I don't know if you've ever been in a college town before but in those situations Colleges "own" the local police force.

Even if students had $$$ what law firm would take the case when 1/2 (or more) of their partners are alumni of the college students would like to sue.

This is what the NWSL players mean by addressing power vs title or position/role.

Again the easy way to solve all this is to *pay the players + make them employees*. All the lawsuits + scandals + abuse would go away because it would be addressed legally in court where there are established processes + standards.


----------



## crush (Oct 7, 2022)

tjinaz said:


> Constitution?  mmm.
> 
> Or there is this, and remember CA is pretty liberal so is on the upper end of the scale.  If you are sexually harassed you can report it and then if they fire you you can sue but beyond that if they don't like how you sneeze or think you don't work hard enough you can simply be fired.  It is very subjective.
> 
> ...


Or if their pregnant or complain to higher up managers about unhealthy working conditions. Unsafe working conditions for mental health.
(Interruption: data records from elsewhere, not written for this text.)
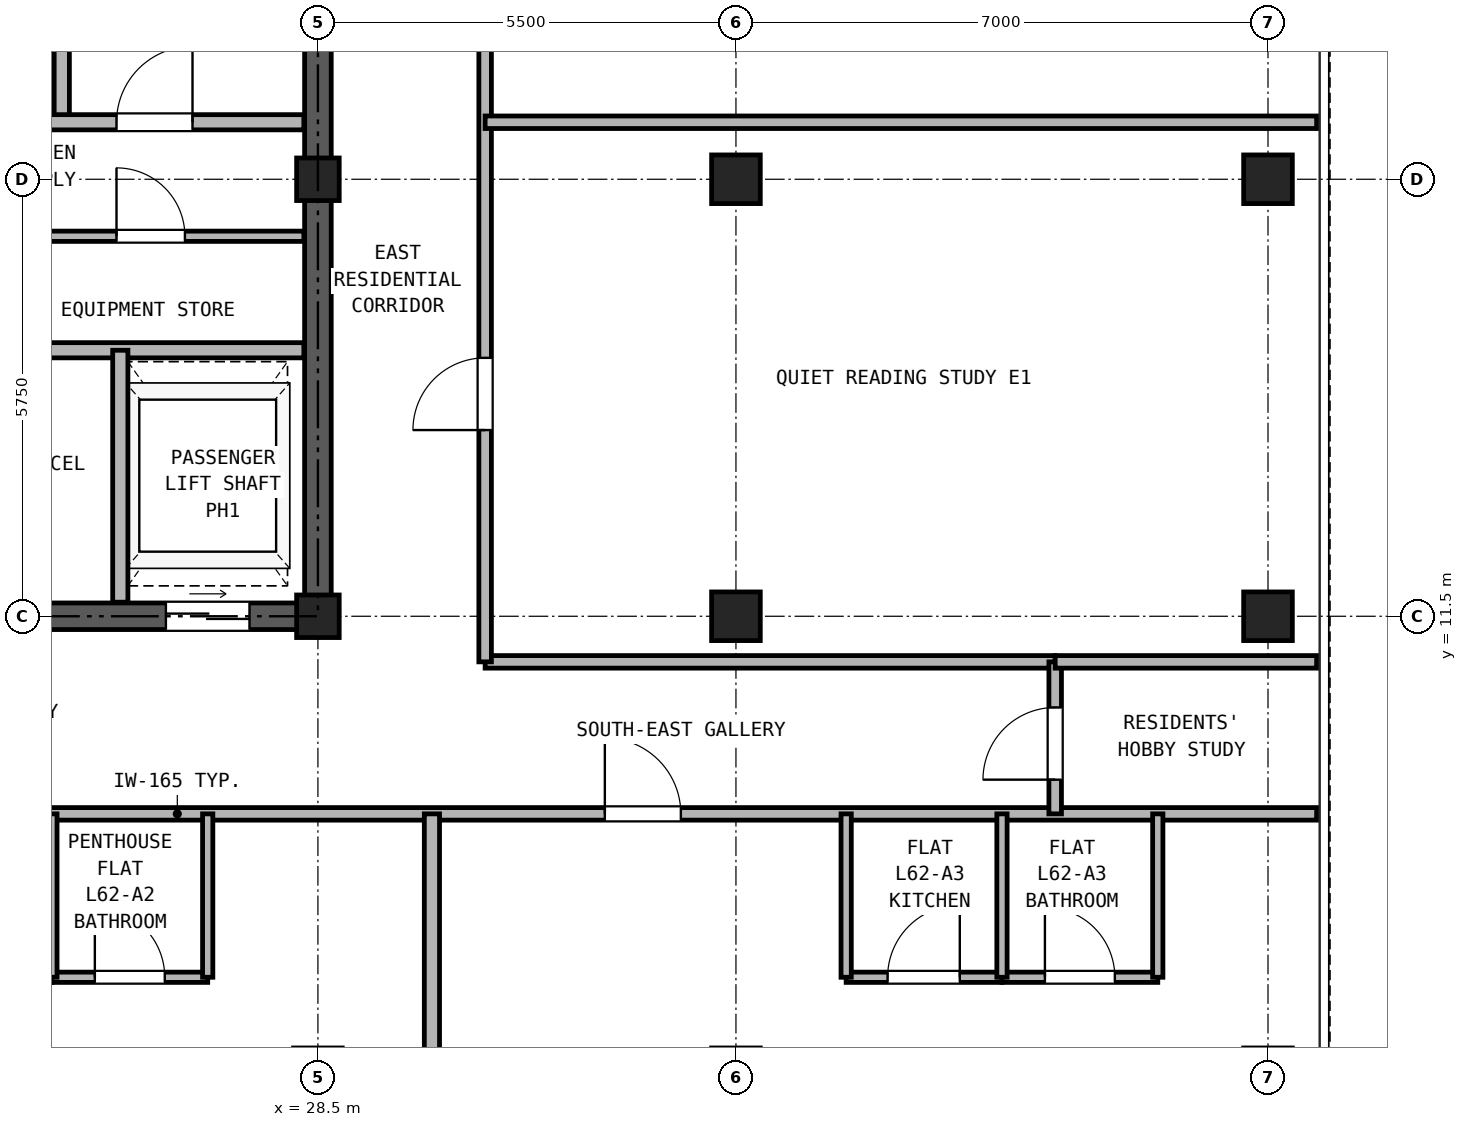
"""IFC4 building model, lengths in metres.
Left out: names, types, materials, properties, quantities, classifications, styles, units other than length and angle.
Written with IfcOpenShell. Run it as: python <this file> out.ifc"""

import sys

from ifc_helpers import new_model, si_unit, direction, frame, frame_2d, origin, origin_2d, place, context, subcontext, project, spatial, rectangle, hollow_rectangle, extrude, source, transform, mapped, element, fill, save


model = new_model("IFC4")
c1 = context("Model", 3, precision=1e-05, world=origin(), true_north=direction((0.0, 1.0)))
c2 = subcontext(c1, "Body", "Model", "MODEL_VIEW")
j1 = project(units=[si_unit("LENGTHUNIT", "METRE"), si_unit("PLANEANGLEUNIT", "RADIAN")], contexts=[c1])
p1 = place(None, origin())
s1 = spatial("IfcSite", under=j1, at=p1, CompositionType="ELEMENT")
p2 = place(p1, origin())
s2 = spatial("IfcBuilding", under=s1, at=p2, CompositionType="ELEMENT")
p3 = place(p2, frame((0.0, 0.0, 220.1)))
s3 = spatial("IfcBuildingStorey", under=s2, at=p3, CompositionType="ELEMENT", Elevation=220.1)
m1 = source(origin(), c2, "Body", "SweptSolid", [
    extrude(hollow_rectangle(XDim=0.64, YDim=0.64, WallThickness=0.035, at=origin_2d()), origin(), (0.0, 0.0, 1.0), 2.98),
])
for number, where, z_axis, x_axis in (
    (1, (41.0, 11.5, 0.0), (0.0, 0.0, 1.0), (1.0, 0.0, 0.0)),
    (2, (41.0, 17.25, 0.0), (0.0, 0.0, 1.0), (1.0, 0.0, 0.0)),
):
    element("IfcColumn", number, at=place(p3, frame(where, z_axis=z_axis, x_axis=x_axis)), inside=s3, PredefinedType="COLUMN", context=c2, shape_type="MappedRepresentation", body=[
        mapped(m1, transform((0.0, 0.0, 0.0), x_axis=(1.0, 0.0, 0.0), y_axis=(0.0, 1.0, 0.0), z_axis=(0.0, 0.0, 1.0), scale=1.0)),
    ])
m2 = source(origin(), c2, "Body", "SweptSolid", [
    extrude(hollow_rectangle(XDim=0.56, YDim=0.56, WallThickness=0.03, at=origin_2d()), origin(), (0.0, 0.0, 1.0), 2.98),
])
for number, where, z_axis, x_axis in (
    (3, (28.5, 11.5, 0.0), (0.0, 0.0, 1.0), (1.0, 0.0, 0.0)),
    (4, (28.5, 17.25, 0.0), (0.0, 0.0, 1.0), (1.0, 0.0, 0.0)),
):
    element("IfcColumn", number, at=place(p3, frame(where, z_axis=z_axis, x_axis=x_axis)), inside=s3, PredefinedType="COLUMN", context=c2, shape_type="MappedRepresentation", body=[
        mapped(m2, transform((0.0, 0.0, 0.0), x_axis=(1.0, 0.0, 0.0), y_axis=(0.0, 1.0, 0.0), z_axis=(0.0, 0.0, 1.0), scale=1.0)),
    ])
for number, where, z_axis, x_axis in (
    (5, (34.0, 11.5, 0.0), (0.0, 0.0, 1.0), (1.0, 0.0, 0.0)),
    (6, (34.0, 17.25, 0.0), (0.0, 0.0, 1.0), (1.0, 0.0, 0.0)),
):
    element("IfcColumn", number, at=place(p3, frame(where, z_axis=z_axis, x_axis=x_axis)), inside=s3, PredefinedType="COLUMN", context=c2, shape_type="MappedRepresentation", body=[
        mapped(m1, transform((0.0, 0.0, 0.0), x_axis=(1.0, 0.0, 0.0), y_axis=(0.0, 1.0, 0.0), z_axis=(0.0, 0.0, 1.0), scale=1.0)),
    ])
p4 = place(p3, frame((18.325, 11.5, 0.0), z_axis=(0.0, 0.0, 1.0), x_axis=(1.0, 0.0, 0.0)))
e7 = element("IfcWall", 7, at=p4, inside=s3, PredefinedType="SHEAR", context=c2, shape_type="SweptSolid", body=[
    extrude(rectangle(XDim=10.35, YDim=0.35, at=frame_2d((5.175, 0.0))), origin(), (0.0, 0.0, 1.0), 2.98),
])
p5 = place(p4, frame((1.775, 0.0, 0.0)))
e8 = element("IfcOpeningElement", 8, at=p5, cuts=e7, PredefinedType="OPENING", context=c2, shape_type="SweptSolid", body=[
    extrude(rectangle(XDim=0.95, YDim=2.15, at=frame_2d((0.475, 1.075))), frame((0.0, 0.185, 0.0), z_axis=(0.0, -1.0, 0.0), x_axis=(1.0, 0.0, 0.0)), (0.0, 0.0, 1.0), 0.37),
])
p6 = place(p4, frame((5.275, 0.0, 0.0)))
e9 = element("IfcOpeningElement", 9, at=p6, cuts=e7, PredefinedType="OPENING", context=c2, shape_type="SweptSolid", body=[
    extrude(rectangle(XDim=0.95, YDim=2.15, at=frame_2d((0.475, 1.075))), frame((0.0, 0.185, 0.0), z_axis=(0.0, -1.0, 0.0), x_axis=(1.0, 0.0, 0.0)), (0.0, 0.0, 1.0), 0.37),
])
p7 = place(p4, frame((8.175, 0.0, 0.0)))
e10 = element("IfcOpeningElement", 10, at=p7, cuts=e7, PredefinedType="OPENING", context=c2, shape_type="SweptSolid", body=[
    extrude(rectangle(XDim=1.1, YDim=2.25, at=frame_2d((0.55, 1.125))), frame((0.0, 0.185, 0.0), z_axis=(0.0, -1.0, 0.0), x_axis=(1.0, 0.0, 0.0)), (0.0, 0.0, 1.0), 0.37),
])
p8 = place(p3, frame((28.5, 11.675, 0.0), z_axis=(0.0, 0.0, 1.0), x_axis=(0.0, 1.0, 0.0)))
e11 = element("IfcWall", 11, at=p8, inside=s3, PredefinedType="SHEAR", context=c2, shape_type="SweptSolid", body=[
    extrude(rectangle(XDim=16.9, YDim=0.35, at=frame_2d((8.45, 0.0))), origin(), (0.0, 0.0, 1.0), 2.98),
])
p9 = place(p8, frame((7.475, 0.0, 0.0)))
e12 = element("IfcOpeningElement", 12, at=p9, cuts=e11, PredefinedType="OPENING", context=c2, shape_type="SweptSolid", body=[
    extrude(rectangle(XDim=1.15, YDim=2.2, at=frame_2d((0.575, 1.1))), frame((0.0, 0.185, 0.0), z_axis=(0.0, -1.0, 0.0), x_axis=(1.0, 0.0, 0.0)), (0.0, 0.0, 1.0), 0.37),
])
p10 = place(p3, frame((25.13, 18.0, 0.0), z_axis=(0.0, 0.0, 1.0), x_axis=(0.0, 1.0, 0.0)))
e13 = element("IfcWall", 13, at=p10, inside=s3, PredefinedType="PARTITIONING", context=c2, shape_type="SweptSolid", body=[
    extrude(rectangle(XDim=3.39, YDim=0.2, at=frame_2d((1.695, 0.0))), origin(), (0.0, 0.0, 1.0), 2.98),
])
p11 = place(p10, frame((1.1, 0.0, 0.0)))
e14 = element("IfcOpeningElement", 14, at=p11, cuts=e13, PredefinedType="OPENING", context=c2, shape_type="SweptSolid", body=[
    extrude(rectangle(XDim=1.15, YDim=2.2, at=frame_2d((0.575, 1.1))), frame((0.0, 0.11, 0.0), z_axis=(0.0, -1.0, 0.0), x_axis=(1.0, 0.0, 0.0)), (0.0, 0.0, 1.0), 0.22),
])
p12 = place(p3, frame((18.685, 18.0, 0.0), z_axis=(0.0, 0.0, 1.0), x_axis=(1.0, 0.0, 0.0)))
e15 = element("IfcWall", 15, at=p12, inside=s3, PredefinedType="PARTITIONING", context=c2, shape_type="SweptSolid", body=[
    extrude(rectangle(XDim=9.63, YDim=0.2, at=frame_2d((4.815, 0.0))), origin(), (0.0, 0.0, 1.0), 2.98),
])
p13 = place(p12, frame((0.565, 0.0, 0.0)))
e16 = element("IfcOpeningElement", 16, at=p13, cuts=e15, PredefinedType="OPENING", context=c2, shape_type="SweptSolid", body=[
    extrude(rectangle(XDim=1.3, YDim=2.3, at=frame_2d((0.65, 1.15))), frame((0.0, 0.11, 0.0), z_axis=(0.0, -1.0, 0.0), x_axis=(1.0, 0.0, 0.0)), (0.0, 0.0, 1.0), 0.22),
])
p14 = place(p12, frame((2.665, 0.0, 0.0)))
e17 = element("IfcOpeningElement", 17, at=p14, cuts=e15, PredefinedType="OPENING", context=c2, shape_type="SweptSolid", body=[
    extrude(rectangle(XDim=1.3, YDim=2.3, at=frame_2d((0.65, 1.15))), frame((0.0, 0.11, 0.0), z_axis=(0.0, -1.0, 0.0), x_axis=(1.0, 0.0, 0.0)), (0.0, 0.0, 1.0), 0.22),
])
p15 = place(p12, frame((7.165, 0.0, 0.0)))
e18 = element("IfcOpeningElement", 18, at=p15, cuts=e15, PredefinedType="OPENING", context=c2, shape_type="SweptSolid", body=[
    extrude(rectangle(XDim=1.0, YDim=2.15, at=frame_2d((0.5, 1.075))), frame((0.0, 0.11, 0.0), z_axis=(0.0, -1.0, 0.0), x_axis=(1.0, 0.0, 0.0)), (0.0, 0.0, 1.0), 0.22),
])
p16 = place(p3, frame((18.685, 15.0, 0.0), z_axis=(0.0, 0.0, 1.0), x_axis=(1.0, 0.0, 0.0)))
e19 = element("IfcWall", 19, at=p16, inside=s3, PredefinedType="PARTITIONING", context=c2, shape_type="SweptSolid", body=[
    extrude(rectangle(XDim=9.63, YDim=0.2, at=frame_2d((4.815, 0.0))), origin(), (0.0, 0.0, 1.0), 2.98),
])
p17 = place(p3, frame((23.3, 16.5, 0.0), z_axis=(0.0, 0.0, 1.0), x_axis=(1.0, 0.0, 0.0)))
e20 = element("IfcWall", 20, at=p17, inside=s3, PredefinedType="PARTITIONING", context=c2, shape_type="SweptSolid", body=[
    extrude(rectangle(XDim=5.015, YDim=0.135, at=frame_2d((2.507, 0.0))), origin(), (0.0, 0.0, 1.0), 2.98),
])
p18 = place(p17, frame((2.55, 0.0, 0.0)))
e21 = element("IfcOpeningElement", 21, at=p18, cuts=e20, PredefinedType="OPENING", context=c2, shape_type="SweptSolid", body=[
    extrude(rectangle(XDim=0.9, YDim=2.05, at=frame_2d((0.45, 1.025))), frame((0.0, 0.077, 0.0), z_axis=(0.0, -1.0, 0.0), x_axis=(1.0, 0.0, 0.0)), (0.0, 0.0, 1.0), 0.155),
])
p19 = place(p3, frame((25.9, 11.685, 0.0), z_axis=(0.0, 0.0, 1.0), x_axis=(0.0, 1.0, 0.0)))
e22 = element("IfcWall", 22, at=p19, inside=s3, PredefinedType="PARTITIONING", context=c2, shape_type="SweptSolid", body=[
    extrude(rectangle(XDim=3.315, YDim=0.2, at=frame_2d((1.657, 0.0))), origin(), (0.0, 0.0, 1.0), 2.98),
])
p20 = place(p3, frame((5.36, 8.9, 0.0), z_axis=(0.0, 0.0, 1.0), x_axis=(1.0, 0.0, 0.0)))
e23 = element("IfcWall", 23, at=p20, inside=s3, PredefinedType="PARTITIONING", context=c2, shape_type="SweptSolid", body=[
    extrude(rectangle(XDim=36.28, YDim=0.165, at=frame_2d((18.14, 0.0))), origin(), (0.0, 0.0, 1.0), 2.98),
])
p21 = place(p20, frame((8.865, 0.0, 0.0)))
e24 = element("IfcOpeningElement", 24, at=p21, cuts=e23, PredefinedType="OPENING", context=c2, shape_type="SweptSolid", body=[
    extrude(rectangle(XDim=1.0, YDim=2.15, at=frame_2d((0.5, 1.075))), frame((0.0, 0.093, 0.0), z_axis=(0.0, -1.0, 0.0), x_axis=(1.0, 0.0, 0.0)), (0.0, 0.0, 1.0), 0.185),
])
p22 = place(p20, frame((14.665, 0.0, 0.0)))
e25 = element("IfcOpeningElement", 25, at=p22, cuts=e23, PredefinedType="OPENING", context=c2, shape_type="SweptSolid", body=[
    extrude(rectangle(XDim=1.0, YDim=2.15, at=frame_2d((0.5, 1.075))), frame((0.0, 0.093, 0.0), z_axis=(0.0, -1.0, 0.0), x_axis=(1.0, 0.0, 0.0)), (0.0, 0.0, 1.0), 0.185),
])
p23 = place(p20, frame((26.915, 0.0, 0.0)))
e26 = element("IfcOpeningElement", 26, at=p23, cuts=e23, PredefinedType="OPENING", context=c2, shape_type="SweptSolid", body=[
    extrude(rectangle(XDim=1.0, YDim=2.15, at=frame_2d((0.5, 1.075))), frame((0.0, 0.093, 0.0), z_axis=(0.0, -1.0, 0.0), x_axis=(1.0, 0.0, 0.0)), (0.0, 0.0, 1.0), 0.185),
])
p24 = place(p3, frame((30.7, 10.9, 0.0), z_axis=(0.0, 0.0, 1.0), x_axis=(1.0, 0.0, 0.0)))
e27 = element("IfcWall", 27, at=p24, inside=s3, PredefinedType="PARTITIONING", context=c2, shape_type="SweptSolid", body=[
    extrude(rectangle(XDim=7.5, YDim=0.165, at=frame_2d((3.75, 0.0))), origin(), (0.0, 0.0, 1.0), 2.98),
])
p25 = place(p3, frame((38.2, 8.9, 0.0), z_axis=(0.0, 0.0, 1.0), x_axis=(0.0, 1.0, 0.0)))
e28 = element("IfcWall", 28, at=p25, inside=s3, PredefinedType="PARTITIONING", context=c2, shape_type="SweptSolid", body=[
    extrude(rectangle(XDim=2.0, YDim=0.165, at=frame_2d((1.0, 0.0))), origin(), (0.0, 0.0, 1.0), 2.98),
])
p26 = place(p25, frame((0.45, 0.0, 0.0)))
e29 = element("IfcOpeningElement", 29, at=p26, cuts=e28, PredefinedType="OPENING", context=c2, shape_type="SweptSolid", body=[
    extrude(rectangle(XDim=0.95, YDim=2.15, at=frame_2d((0.475, 1.075))), frame((0.0, 0.093, 0.0), z_axis=(0.0, -1.0, 0.0), x_axis=(1.0, 0.0, 0.0)), (0.0, 0.0, 1.0), 0.185),
])
p27 = place(p3, frame((30.7, 10.9, 0.0), z_axis=(0.0, 0.0, 1.0), x_axis=(0.0, 1.0, 0.0)))
e30 = element("IfcWall", 30, at=p27, inside=s3, PredefinedType="PARTITIONING", context=c2, shape_type="SweptSolid", body=[
    extrude(rectangle(XDim=24.24, YDim=0.165, at=frame_2d((12.12, 0.0))), origin(), (0.0, 0.0, 1.0), 2.98),
])
p28 = place(p27, frame((3.05, 0.0, 0.0)))
e31 = element("IfcOpeningElement", 31, at=p28, cuts=e30, PredefinedType="OPENING", context=c2, shape_type="SweptSolid", body=[
    extrude(rectangle(XDim=0.95, YDim=2.15, at=frame_2d((0.475, 1.075))), frame((0.0, 0.093, 0.0), z_axis=(0.0, -1.0, 0.0), x_axis=(1.0, 0.0, 0.0)), (0.0, 0.0, 1.0), 0.185),
])
p29 = place(p27, frame((9.85, 0.0, 0.0)))
e32 = element("IfcOpeningElement", 32, at=p29, cuts=e30, PredefinedType="OPENING", context=c2, shape_type="SweptSolid", body=[
    extrude(rectangle(XDim=0.95, YDim=2.15, at=frame_2d((0.475, 1.075))), frame((0.0, 0.093, 0.0), z_axis=(0.0, -1.0, 0.0), x_axis=(1.0, 0.0, 0.0)), (0.0, 0.0, 1.0), 0.185),
])
p30 = place(p27, frame((15.95, 0.0, 0.0)))
e33 = element("IfcOpeningElement", 33, at=p30, cuts=e30, PredefinedType="OPENING", context=c2, shape_type="SweptSolid", body=[
    extrude(rectangle(XDim=0.95, YDim=2.15, at=frame_2d((0.475, 1.075))), frame((0.0, 0.093, 0.0), z_axis=(0.0, -1.0, 0.0), x_axis=(1.0, 0.0, 0.0)), (0.0, 0.0, 1.0), 0.185),
])
p31 = place(p27, frame((21.27, 0.0, 0.0)))
e34 = element("IfcOpeningElement", 34, at=p31, cuts=e30, PredefinedType="OPENING", context=c2, shape_type="SweptSolid", body=[
    extrude(rectangle(XDim=0.95, YDim=2.15, at=frame_2d((0.475, 1.075))), frame((0.0, 0.093, 0.0), z_axis=(0.0, -1.0, 0.0), x_axis=(1.0, 0.0, 0.0)), (0.0, 0.0, 1.0), 0.185),
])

Threats & Intimidation + Retaliation is no reason to fire and best to work things out.


----------



## SurFutbol (Oct 7, 2022)

Carlsbad7 said:


> This will all stop once colleges end the scholarship scam + start paying players as employees.
> 
> 1. Employees have certain rights + can take employers to court if they're being abused (scholarship awardees have no rights and can't complain in any way)
> 2. Employees can have representation (agents) and can unionize to protect themselves
> ...


None of the three individuals discussed in the Yates report ever worked as a collegiate head coach.  All of their head coaching experience occurred in professional leagues in which player employees had representation.  Neither of the two other individuals who were recently fired by Thorns as a result of this had prior involvement in college soccer either.


----------



## MacDre (Oct 7, 2022)

tjinaz said:


> Constitution?  mmm.
> 
> Or there is this, and remember CA is pretty liberal so is on the upper end of the scale.  If you are sexually harassed you can report it and then if they fire you you can sue but beyond that if they don't like how you sneeze or think you don't work hard enough you can simply be fired.  It is very subjective.
> 
> ...


I agree that if you are not in a “protected class” that there is not much protection in “at-will” states and even less protections in “right-to-work” states.  Seems to me then, that students may have more rights than employees because either the Constitution or Contract law requires ALL students be treated fairly.  I think is fair to say that in the employment context, the law doesn’t care how one is treated unless they are in a protected class.


----------



## Carlsbad7 (Oct 7, 2022)

SurFutbol said:


> None of the three individuals discussed in the Yates report ever worked as a collegiate head coach.  All of their head coaching experience occurred in professional leagues in which player employees had representation.  Neither of the two other individuals who were recently fired by Thorns as a result of this had prior involvement in college soccer either.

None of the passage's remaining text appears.